Behavioral analyses of 5 dpf wfs1 mutant larvae. (A) Light protocol: the activity is measured for 70 min, with 30 min of training in the dark (OFF), then two cycles of light/dark (ON/OFF) of 10 min each. Analysis of the distance traveled by (B) the wfs1a^C825X and (F) wfs1b^W493X larvae at 5 dpf during the light/dark cycle in the VMR test. Relative distance traveled was measured during some experiment phases as (C, G) the training phase [blue-dotted lines in (B, F) between 21 and 29 min]; (D, H) the ON phase (the averaged ON1 and ON2 phases); (E, I) the OFF phase (the averaged OFF1 and OFF2 phases). (J) Illustration of the OKR test. Four larvae are immobilized in petri dish and placed in an arena with moving black and white gratings. (K) The number of saccades performed in 2 min. (L) Illustration of the touch escape test. The larva’s tail is touched with a tip and (M) the traveled distance of the larva in the rail is measured for 5 s, repeated for three times per larva and averaged. Relative distances were expressed as % of associated controls. Error bars represent ± SEM calculated from three replicas. The number of animals is indicated below the columns. ^*P < 0.05; ^**P < 0.01; unpaired t-test.

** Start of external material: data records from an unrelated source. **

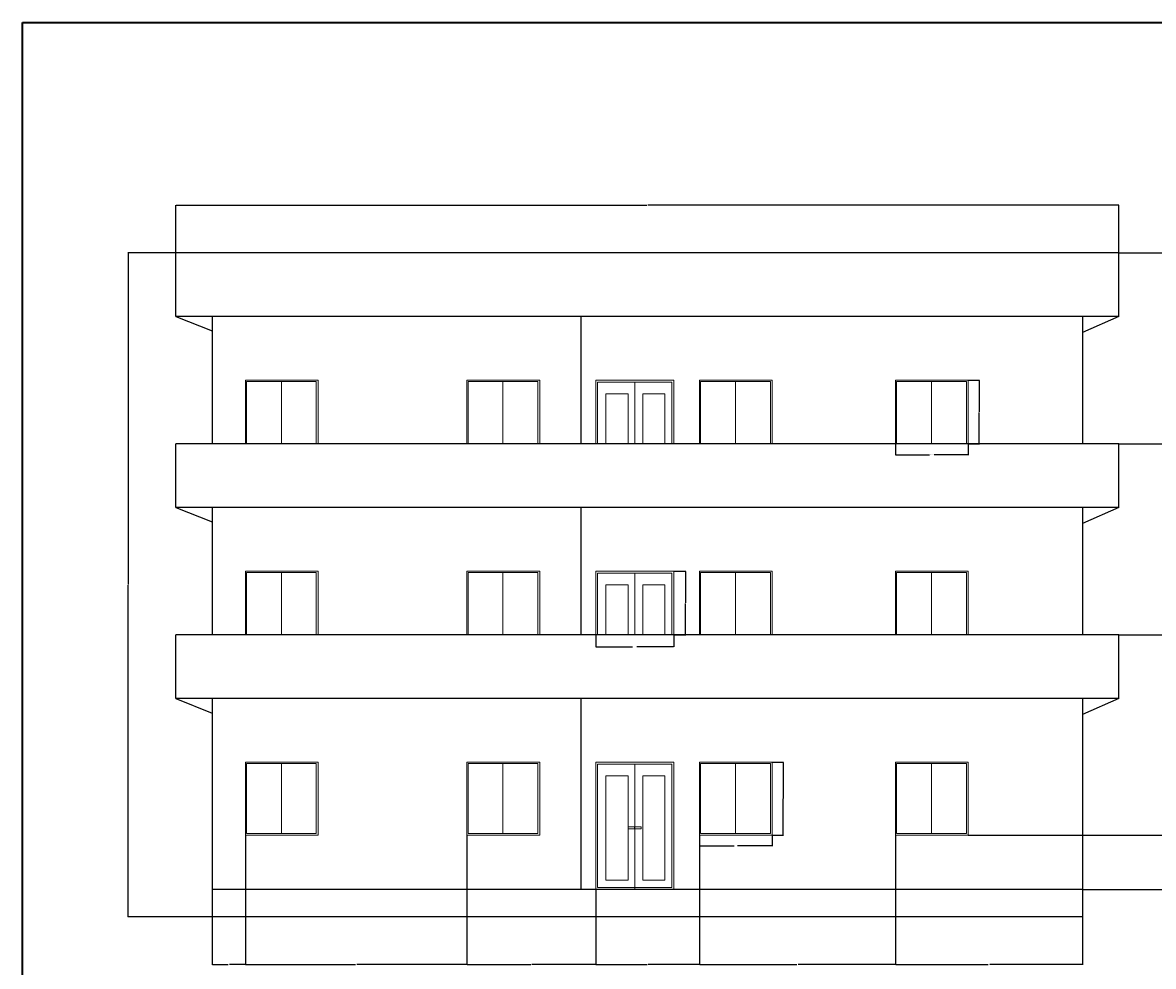
# Model space of a CAD drawing. Units: inches. Extents: x 1824 to 3509, y 619 to 2294.
# Tile 8 of 12: x 1824 to 2570, y 1671 to 2294. Entities that reach past the tile are written whole.
import ezdxf

# ---------------------------------------------------------------- set-up
doc = ezdxf.new("R2010")
doc.units = ezdxf.units.IN
for name, color, linetype, lineweight in [('A-ANNO-DIMS', 2, 'Continuous', 18), ('A-ANNO-TTLB', 7, 'Continuous', 35), ('A-ELEV', 7, 'Continuous', 25), ('A-ELEV-DOOR', 3, 'Continuous', 18), ('A-ELEV-GLAZ', 4, 'Continuous', 18)]:
    doc.layers.add(name, color=color, linetype=linetype, lineweight=lineweight)
doc.styles.get("Standard").update_dxf_attribs({"font": 'arial.ttf'})
doc.dimstyles.get("Standard").update_dxf_attribs({"dimtxt": 0.18, "dimasz": 0.18, "dimexe": 0.18, "dimexo": 0.0625, "dimgap": 0.09, "dimtad": 0, "dimtih": 1, "dimtoh": 1, "dimdec": 4, "dimzin": 0, "dimdsep": 46, "dimtxsty": 'Standard', "dimcen": 0.09, "dimadec": 0, "dimazin": 0, "dimtfac": 1, "dimtdec": 4, "dimtofl": 0, "dimtmove": 0, "dimatfit": 3, "dimfxl": 1, "dimtolj": 1, "dimtzin": 0, "dimarcsym": 0})

# ---------------------------------------------------------------- blocks, each defined once
blk = doc.blocks.new('WIN-ELEV-UPPER')
for p, q in [((0, 42), (0, 0)), ((48, 42), (0, 42)), ((23.74, 41.26), (23.74, 0)), ((48, 42), (48, 0))]:
    blk.add_line(p, q)
blk.add_lwpolyline([(0.72, 0), (0.72, 41.26), (46.77, 41.26), (46.77, 0)])
blk = doc.blocks.new('WIN-ELEV-48')
for p, q in [((0, 48), (0, 0)), ((48, 48), (0, 48)), ((23.74, 47.26), (23.74, 1.1)), ((48, 48), (48, 0)), ((48, 0), (0, 0))]:
    blk.add_line(p, q)
blk.add_lwpolyline([(0.72, 47.26), (46.77, 47.26), (46.77, 1.1), (0.72, 1.1)], close=True)
blk = doc.blocks.new('DOOR-ELEV-UPPER')
for p, q in [((0, 42), (0, 0)), ((51.54, 42), (0, 42)), ((25.72, 40.74), (25.72, 0)), ((51.54, 42), (51.54, 0))]:
    blk.add_line(p, q)
for points in [[(1.26, 0), (1.26, 40.74), (50.17, 40.74), (50.17, 0)], [(6.64, 0), (6.64, 33.08), (21.32, 33.08), (21.32, 0)], [(31.02, 0), (31.02, 33.08), (45.71, 33.08), (45.71, 0)]]:
    blk.add_lwpolyline(points)
blk = doc.blocks.new('*D36')
at = {"layer": 'A-ANNO-DIMS', "color": 0, "lineweight": -2, "transparency": 16777216}
for p, q in [((2399.66, 2015.69), (2399.66, 2008.37)), ((2447.66, 2015.69), (2447.66, 2008.37)), ((2399.84, 2008.55), (2422.08, 2008.55)), ((2447.48, 2008.55), (2425.24, 2008.55))]:
    blk.add_line(p, q, dxfattribs=at)
at = {"layer": 'A-ANNO-DIMS', "color": 0, "transparency": 16777216}
for points in [[(2399.84, 2008.58), (2399.84, 2008.52), (2399.66, 2008.55)], [(2447.48, 2008.58), (2447.48, 2008.52), (2447.66, 2008.55)]]:
    blk.add_solid(points, dxfattribs=at)
at = {"layer": 'Defpoints', "color": 0, "transparency": 16777216}
for p in [(2399.66, 2015.75), (2447.66, 2015.75), (2447.66, 2008.55)]:
    blk.add_point(p, dxfattribs=at)
at = {"layer": 'A-ANNO-DIMS', "color": 0, "transparency": 16777216, "insert": (2423.66, 2008.55), "char_height": 0.18, "attachment_point": 5}
blk.add_mtext('\\A1;UPPER WINDOW 48 TYP.', dxfattribs=at)
blk = doc.blocks.new('*D37')
at = {"layer": 'A-ANNO-DIMS', "color": 0, "lineweight": -2, "transparency": 16777216}
for p, q in [((2447.72, 2057.75), (2455.04, 2057.75)), ((2454.86, 2057.57), (2454.86, 2036.93)), ((2454.86, 2015.93), (2454.86, 2036.57)), ((2447.72, 2015.75), (2455.04, 2015.75))]:
    blk.add_line(p, q, dxfattribs=at)
at = {"layer": 'A-ANNO-DIMS', "color": 0, "transparency": 16777216}
for points in [[(2454.83, 2057.57), (2454.89, 2057.57), (2454.86, 2057.75)], [(2454.83, 2015.93), (2454.89, 2015.93), (2454.86, 2015.75)]]:
    blk.add_solid(points, dxfattribs=at)
at = {"layer": 'Defpoints', "color": 0, "transparency": 16777216}
for p in [(2447.66, 2057.75), (2454.86, 2057.75), (2447.66, 2015.75)]:
    blk.add_point(p, dxfattribs=at)
at = {"layer": 'A-ANNO-DIMS', "color": 0, "transparency": 16777216, "insert": (2454.86, 2036.75), "char_height": 0.18, "attachment_point": 5}
blk.add_mtext('\\A1;42 TYP.', dxfattribs=at)
blk = doc.blocks.new('*D46')
at = {"layer": 'A-ANNO-DIMS', "color": 0, "lineweight": -2, "transparency": 16777216}
for p, q in [((2270.48, 1757.69), (2270.48, 1750.37)), ((2318.48, 1757.69), (2318.48, 1750.37)), ((2270.66, 1750.55), (2293.37, 1750.55)), ((2318.3, 1750.55), (2295.6, 1750.55))]:
    blk.add_line(p, q, dxfattribs=at)
at = {"layer": 'A-ANNO-DIMS', "color": 0, "transparency": 16777216}
for points in [[(2270.66, 1750.58), (2270.66, 1750.52), (2270.48, 1750.55)], [(2318.3, 1750.58), (2318.3, 1750.52), (2318.48, 1750.55)]]:
    blk.add_solid(points, dxfattribs=at)
at = {"layer": 'Defpoints', "color": 0, "transparency": 16777216}
for p in [(2270.48, 1757.75), (2318.48, 1757.75), (2318.48, 1750.55)]:
    blk.add_point(p, dxfattribs=at)
at = {"layer": 'A-ANNO-DIMS', "color": 0, "transparency": 16777216, "insert": (2294.48, 1750.55), "char_height": 0.18, "attachment_point": 5}
blk.add_mtext('\\A1;WINDOW 48 TYP.', dxfattribs=at)
blk = doc.blocks.new('*D47')
at = {"layer": 'A-ANNO-DIMS', "color": 0, "lineweight": -2, "transparency": 16777216}
for p, q in [((2318.55, 1805.75), (2325.86, 1805.75)), ((2325.68, 1805.57), (2325.68, 1781.93)), ((2325.68, 1757.93), (2325.68, 1781.57)), ((2318.55, 1757.75), (2325.86, 1757.75))]:
    blk.add_line(p, q, dxfattribs=at)
at = {"layer": 'A-ANNO-DIMS', "color": 0, "transparency": 16777216}
for points in [[(2325.65, 1805.57), (2325.71, 1805.57), (2325.68, 1805.75)], [(2325.65, 1757.93), (2325.71, 1757.93), (2325.68, 1757.75)]]:
    blk.add_solid(points, dxfattribs=at)
at = {"layer": 'Defpoints', "color": 0, "transparency": 16777216}
for p in [(2318.48, 1805.75), (2325.68, 1805.75), (2318.48, 1757.75)]:
    blk.add_point(p, dxfattribs=at)
at = {"layer": 'A-ANNO-DIMS', "color": 0, "transparency": 16777216, "insert": (2325.68, 1781.75), "char_height": 0.18, "attachment_point": 5}
blk.add_mtext('\\A1;48 TYP.', dxfattribs=at)
blk = doc.blocks.new('*D86')
at = {"layer": 'A-ANNO-DIMS', "color": 0, "lineweight": -2, "transparency": 16777216}
for p, q in [((2201.98, 1889.69), (2201.98, 1881.84)), ((2253.53, 1889.69), (2253.53, 1881.84)), ((2202.16, 1882.02), (2226.35, 1882.02)), ((2253.35, 1882.02), (2229.16, 1882.02))]:
    blk.add_line(p, q, dxfattribs=at)
at = {"layer": 'A-ANNO-DIMS', "color": 0, "transparency": 16777216}
for points in [[(2202.16, 1882.05), (2202.16, 1881.99), (2201.98, 1882.02)], [(2253.35, 1882.05), (2253.35, 1881.99), (2253.53, 1882.02)]]:
    blk.add_solid(points, dxfattribs=at)
at = {"layer": 'Defpoints', "color": 0, "transparency": 16777216}
for p in [(2201.98, 1889.75), (2253.53, 1889.75), (2253.53, 1882.02)]:
    blk.add_point(p, dxfattribs=at)
at = {"layer": 'A-ANNO-DIMS', "color": 0, "transparency": 16777216, "insert": (2227.76, 1882.02), "char_height": 0.18, "attachment_point": 5}
blk.add_mtext('\\A1;UPPER DOOR 52 TYP.', dxfattribs=at)
blk = doc.blocks.new('*D87')
at = {"layer": 'A-ANNO-DIMS', "color": 0, "lineweight": -2, "transparency": 16777216}
for p, q in [((2253.59, 1931.75), (2261.44, 1931.75)), ((2261.26, 1931.57), (2261.26, 1910.93)), ((2261.26, 1889.93), (2261.26, 1910.57)), ((2253.59, 1889.75), (2261.44, 1889.75))]:
    blk.add_line(p, q, dxfattribs=at)
at = {"layer": 'A-ANNO-DIMS', "color": 0, "transparency": 16777216}
for points in [[(2261.23, 1931.57), (2261.29, 1931.57), (2261.26, 1931.75)], [(2261.23, 1889.93), (2261.29, 1889.93), (2261.26, 1889.75)]]:
    blk.add_solid(points, dxfattribs=at)
at = {"layer": 'Defpoints', "color": 0, "transparency": 16777216}
for p in [(2253.53, 1931.75), (2261.26, 1931.75), (2253.53, 1889.75)]:
    blk.add_point(p, dxfattribs=at)
at = {"layer": 'A-ANNO-DIMS', "color": 0, "transparency": 16777216, "insert": (2261.26, 1910.75), "char_height": 0.18, "attachment_point": 5}
blk.add_mtext('\\A1;42 TYP.', dxfattribs=at)
blk = doc.blocks.new('*D118')
at = {"layer": 'A-ANNO-DIMS', "color": 0, "lineweight": -2, "transparency": 16777216}
for p, q in [((1925.09, 2141.81), (1925.09, 2173.33)), ((1925.27, 2173.15), (2235.8, 2173.15)), ((2546.91, 2173.15), (2236.38, 2173.15)), ((2547.09, 2141.81), (2547.09, 2173.33))]:
    blk.add_line(p, q, dxfattribs=at)
at = {"layer": 'A-ANNO-DIMS', "color": 0, "transparency": 16777216}
for points in [[(1925.27, 2173.18), (1925.27, 2173.12), (1925.09, 2173.15)], [(2546.91, 2173.18), (2546.91, 2173.12), (2547.09, 2173.15)]]:
    blk.add_solid(points, dxfattribs=at)
at = {"layer": 'Defpoints', "color": 0, "transparency": 16777216}
for p in [(2547.09, 2173.15), (1925.09, 2141.75), (2547.09, 2141.75)]:
    blk.add_point(p, dxfattribs=at)
at = {"layer": 'A-ANNO-DIMS', "color": 0, "transparency": 16777216, "insert": (2236.09, 2173.15), "char_height": 0.18, "attachment_point": 5}
blk.add_mtext('\\A1;622', dxfattribs=at)
blk = doc.blocks.new('*D119')
at = {"layer": 'A-ANNO-DIMS', "color": 0, "lineweight": -2, "transparency": 16777216}
for p, q in [((1925.03, 2141.75), (1893.51, 2141.75)), ((1893.69, 2141.57), (1893.69, 1922.93)), ((1893.69, 1703.93), (1893.69, 1922.57)), ((1949.03, 1703.75), (1893.51, 1703.75))]:
    blk.add_line(p, q, dxfattribs=at)
at = {"layer": 'A-ANNO-DIMS', "color": 0, "transparency": 16777216}
for points in [[(1893.66, 2141.57), (1893.72, 2141.57), (1893.69, 2141.75)], [(1893.66, 1703.93), (1893.72, 1703.93), (1893.69, 1703.75)]]:
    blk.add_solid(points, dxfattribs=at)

Analysis of the quantity of movement of 5 dpf wfs1 mutant larvae during the noise cycle in the ASR test. (A) Sound protocol: the activity is measured for 45 min in a total dark (OFF) condition, with a training phase for 30 min silently, then three cycles of white sounds (90 dB) of 1 s each and 5 min interspersed. Quantity of movement per second for (B) the wfs1a^C825X and (F) wfs1b^W493X larvae according to the sound protocol. Relative quantity of movement during (C, G) the training phase [blue-dotted lines in (B, F) between 21 and 29 min]; (D, H) the baseline phase, period of 2 min before each sound (the averaged three baseline phases); (E, I) the three stimulations (the averaged sounds phases). Activity was expressed as % of associated controls. Error bars represent ± SEM calculated from three replicas. The number of animals is indicated below the columns. ^*P < 0.05; unpaired t-test.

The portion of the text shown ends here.